# Repti Fogger VS Home made



## flkustom (Sep 8, 2011)

I decided since I needed two foggers (two different tanks) that I was going to get a Zoo Med Repti Fogger and a home humidifier and see which one I liked best. 

I chose the Crane Ultrasonic Cool Mist Elephant Humidifier because being an elephant...It had a trunk! making it an easy to rig device for tunneling the fog down to the tank.



















crane mist humidifier after ghetto rigging it with water bottles and tape because I didn't have any tubing at the moment














My video:


Testing was all done in a room with no fan/ac on, being that normal homes will have one or both of those on it is safe to suspect a lower humidity result out of both devices in that scenario.



[video=youtube]http://www.youtube.com/watch?v=t8KMFzOrrQE[/video]






So heres some differences between the two,





*Zoo Med Repti Fogger *

$41.75 Amazon
$59.99 petsmart




*Crane Cool Mist Elephant*

$39.98 walmart.com
$37.99 target.com 







The crane Humidifier obviously had to be rigged up to make a tunneled flow into the tank, using plastic tubing that has to be purchased extra and modified (or plastic bottles as I have done)


The Repti Fogger comes with a bendy tube ready to go.

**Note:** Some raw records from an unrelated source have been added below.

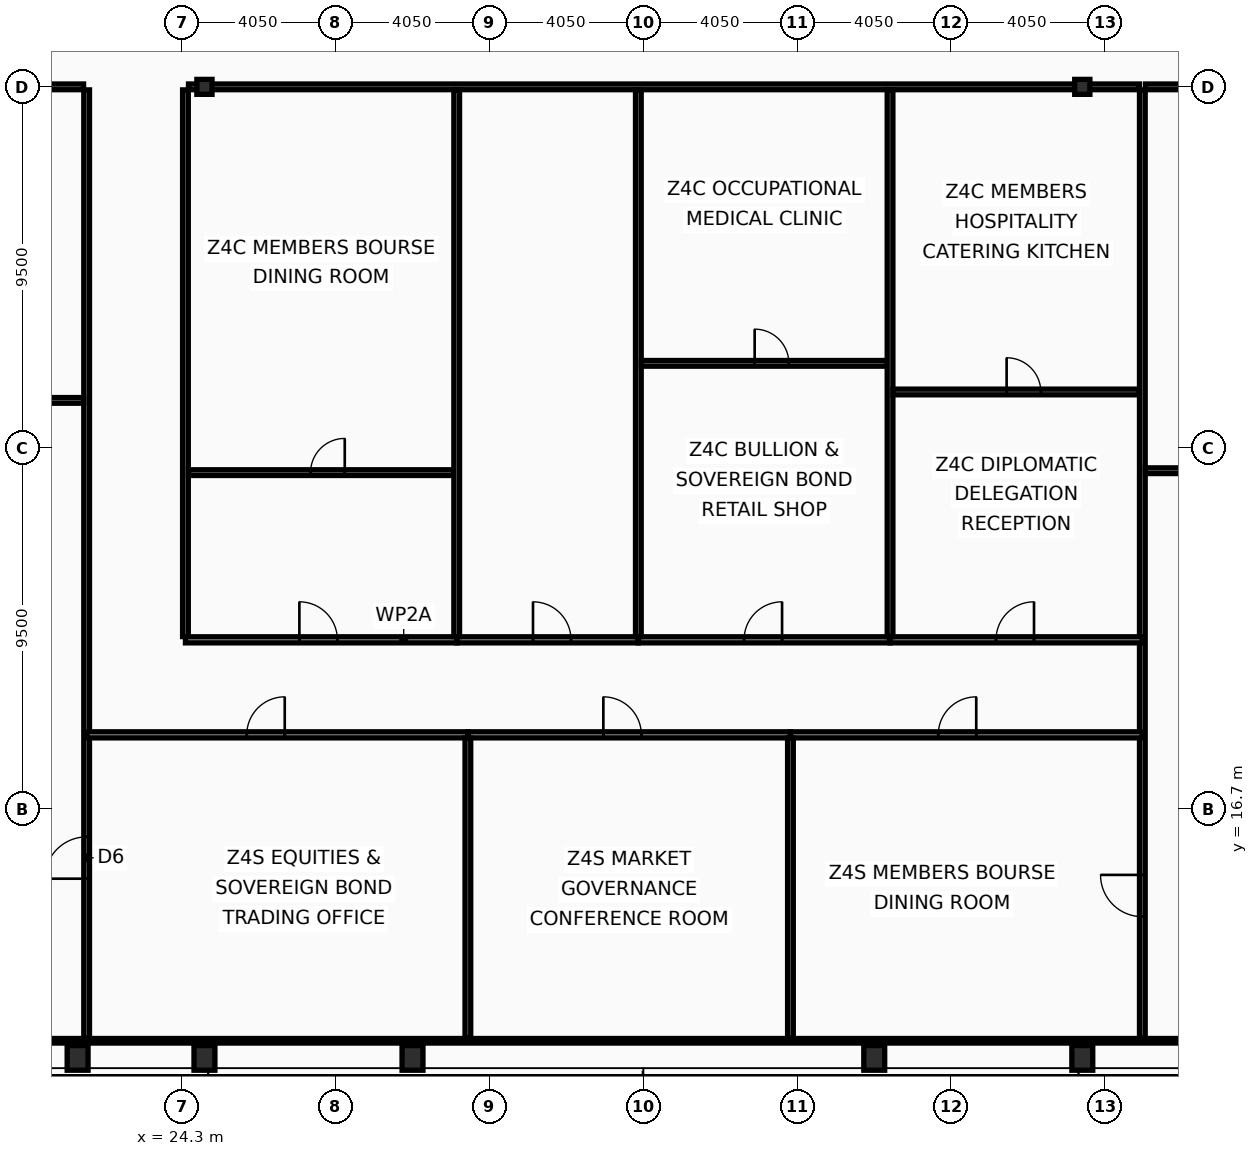
"""IFC4 building model, lengths in metres.
Left out: names, types, materials, properties, quantities, classifications, styles, units other than length and angle.
Written with IfcOpenShell. Run it as: python <this file> out.ifc"""

import sys

from ifc_helpers import new_model, si_unit, direction, frame, frame_2d, origin, origin_2d, place, context, subcontext, project, spatial, rectangle, hollow_rectangle, i_section, extrude, element, fill, save


model = new_model("IFC4")
c1 = context("Model", 3, precision=1e-05, world=origin(), true_north=direction((0.0, 1.0)))
c2 = subcontext(c1, "Body", "Model", "MODEL_VIEW")
j1 = project(units=[si_unit("LENGTHUNIT", "METRE"), si_unit("PLANEANGLEUNIT", "RADIAN")], contexts=[c1])
p1 = place(None, origin())
s1 = spatial("IfcSite", under=j1, at=p1, CompositionType="ELEMENT")
p2 = place(p1, origin())
s2 = spatial("IfcBuilding", under=s1, at=p2, CompositionType="ELEMENT")
p3 = place(p2, frame((0.0, 0.0, 295.0)))
s3 = spatial("IfcBuildingStorey", under=s2, at=p3, CompositionType="ELEMENT", Elevation=295.0)
for number, where, z_axis, x_axis in (
    (1, (21.562, 10.15, 0.0), (0.0, 0.0, 1.0), (1.0, 0.0, 0.0)),
    (2, (24.9, 10.15, 0.0), (0.0, 0.0, 1.0), (1.0, 0.0, 0.0)),
    (3, (30.375, 10.15, 0.0), (0.0, 0.0, 1.0), (1.0, 0.0, 0.0)),
    (4, (42.525, 10.15, 0.0), (0.0, 0.0, 1.0), (1.0, 0.0, 0.0)),
    (5, (48.0, 10.15, 0.0), (0.0, 0.0, 1.0), (1.0, 0.0, 0.0)),
):
    element("IfcColumn", number, at=place(p3, frame(where, z_axis=z_axis, x_axis=x_axis)), inside=s3, PredefinedType="COLUMN", context=c2, shape_type="SweptSolid", body=[
        extrude(hollow_rectangle(XDim=0.55, YDim=0.65, WallThickness=0.04, at=origin_2d()), origin(), (0.0, 0.0, 1.0), 3.6),
    ])
for number, where, z_axis, x_axis in (
    (6, (24.9, 35.7, 0.0), (0.0, 0.0, 1.0), (1.0, 0.0, 0.0)),
    (7, (48.0, 35.7, 0.0), (0.0, 0.0, 1.0), (1.0, 0.0, 0.0)),
):
    element("IfcColumn", number, at=place(p3, frame(where, z_axis=z_axis, x_axis=x_axis)), inside=s3, PredefinedType="COLUMN", context=c2, shape_type="SweptSolid", body=[
        extrude(i_section(OverallWidth=0.399, OverallDepth=0.393, WebThickness=0.023, FlangeThickness=0.037, at=origin_2d()), origin(), (0.0, 0.0, 1.0), 3.6),
    ])
p4 = place(p3, frame((21.8, 10.665, 0.0), z_axis=(0.0, 0.0, 1.0), x_axis=(0.0, 1.0, 0.0)))
e8 = element("IfcWall", 8, at=p4, inside=s3, PredefinedType="PARTITIONING", context=c2, shape_type="SweptSolid", body=[
    extrude(rectangle(XDim=24.955, YDim=0.15, at=frame_2d((12.478, 0.0))), origin(), (0.0, 0.0, 1.0), 3.03),
])
p5 = place(p4, frame((4.2, 0.0, 0.0)))
e9 = element("IfcOpeningElement", 9, at=p5, cuts=e8, PredefinedType="OPENING", context=c2, shape_type="SweptSolid", body=[
    extrude(rectangle(XDim=1.1, YDim=2.1, at=frame_2d((0.55, 1.05))), frame((0.0, 0.085, 0.0), z_axis=(0.0, -1.0, 0.0), x_axis=(1.0, 0.0, 0.0)), (0.0, 0.0, 1.0), 0.17),
])
p6 = place(p3, frame((12.095, 35.7, 0.0), z_axis=(0.0, 0.0, 1.0), x_axis=(1.0, 0.0, 0.0)))
e10 = element("IfcWall", 10, at=p6, inside=s3, PredefinedType="PARTITIONING", context=c2, shape_type="SweptSolid", body=[
    extrude(rectangle(XDim=9.625, YDim=0.15, at=frame_2d((4.812, 0.0))), origin(), (0.0, 0.0, 1.0), 2.78),
])
p7 = place(p6, frame((2.8, 0.0, 0.0)))
e11 = element("IfcOpeningElement", 11, at=p7, cuts=e10, PredefinedType="OPENING", context=c2, shape_type="SweptSolid", body=[
    extrude(rectangle(XDim=1.0, YDim=2.05, at=frame_2d((0.5, 1.025))), frame((0.0, 0.085, 0.0), z_axis=(0.0, -1.0, 0.0), x_axis=(1.0, 0.0, 0.0)), (0.0, 0.0, 1.0), 0.17),
])
p8 = place(p3, frame((12.095, 27.45, 0.0), z_axis=(0.0, 0.0, 1.0), x_axis=(1.0, 0.0, 0.0)))
e12 = element("IfcWall", 12, at=p8, inside=s3, PredefinedType="PARTITIONING", context=c2, shape_type="SweptSolid", body=[
    extrude(rectangle(XDim=9.625, YDim=0.15, at=frame_2d((4.812, 0.0))), origin(), (0.0, 0.0, 1.0), 2.78),
])
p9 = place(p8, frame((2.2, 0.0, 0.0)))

The Crane Humidifier lets out a cool mist

The Repti Fogger lets out a warm/room temp mist



The Repti Fogger has about a 1 liter capacity

The Crane Humidifer has a 1 gallon capacity




The repti fogger will last about 12 hours on one tank depending on the setting

The Crane Humidifier will last up to 24 hours on one tank depending on the setting







I personally like the Crane Cool Mist Humidifier better, my reason being is that it can run so much longer than the Repti Fogger. For the everyday person that really doesn't want to have to modify anything then the Repti fogger would be the way to go, but if you're willing to put in about $5 extra and about 10 minutes of work you can easily put together the humidifier fogger.


I plan to use the Crane Mist Humidifier in my outdoor play pens during the summer, being that it lets out cool mist it will be great to keep the torts cool on a hot day. 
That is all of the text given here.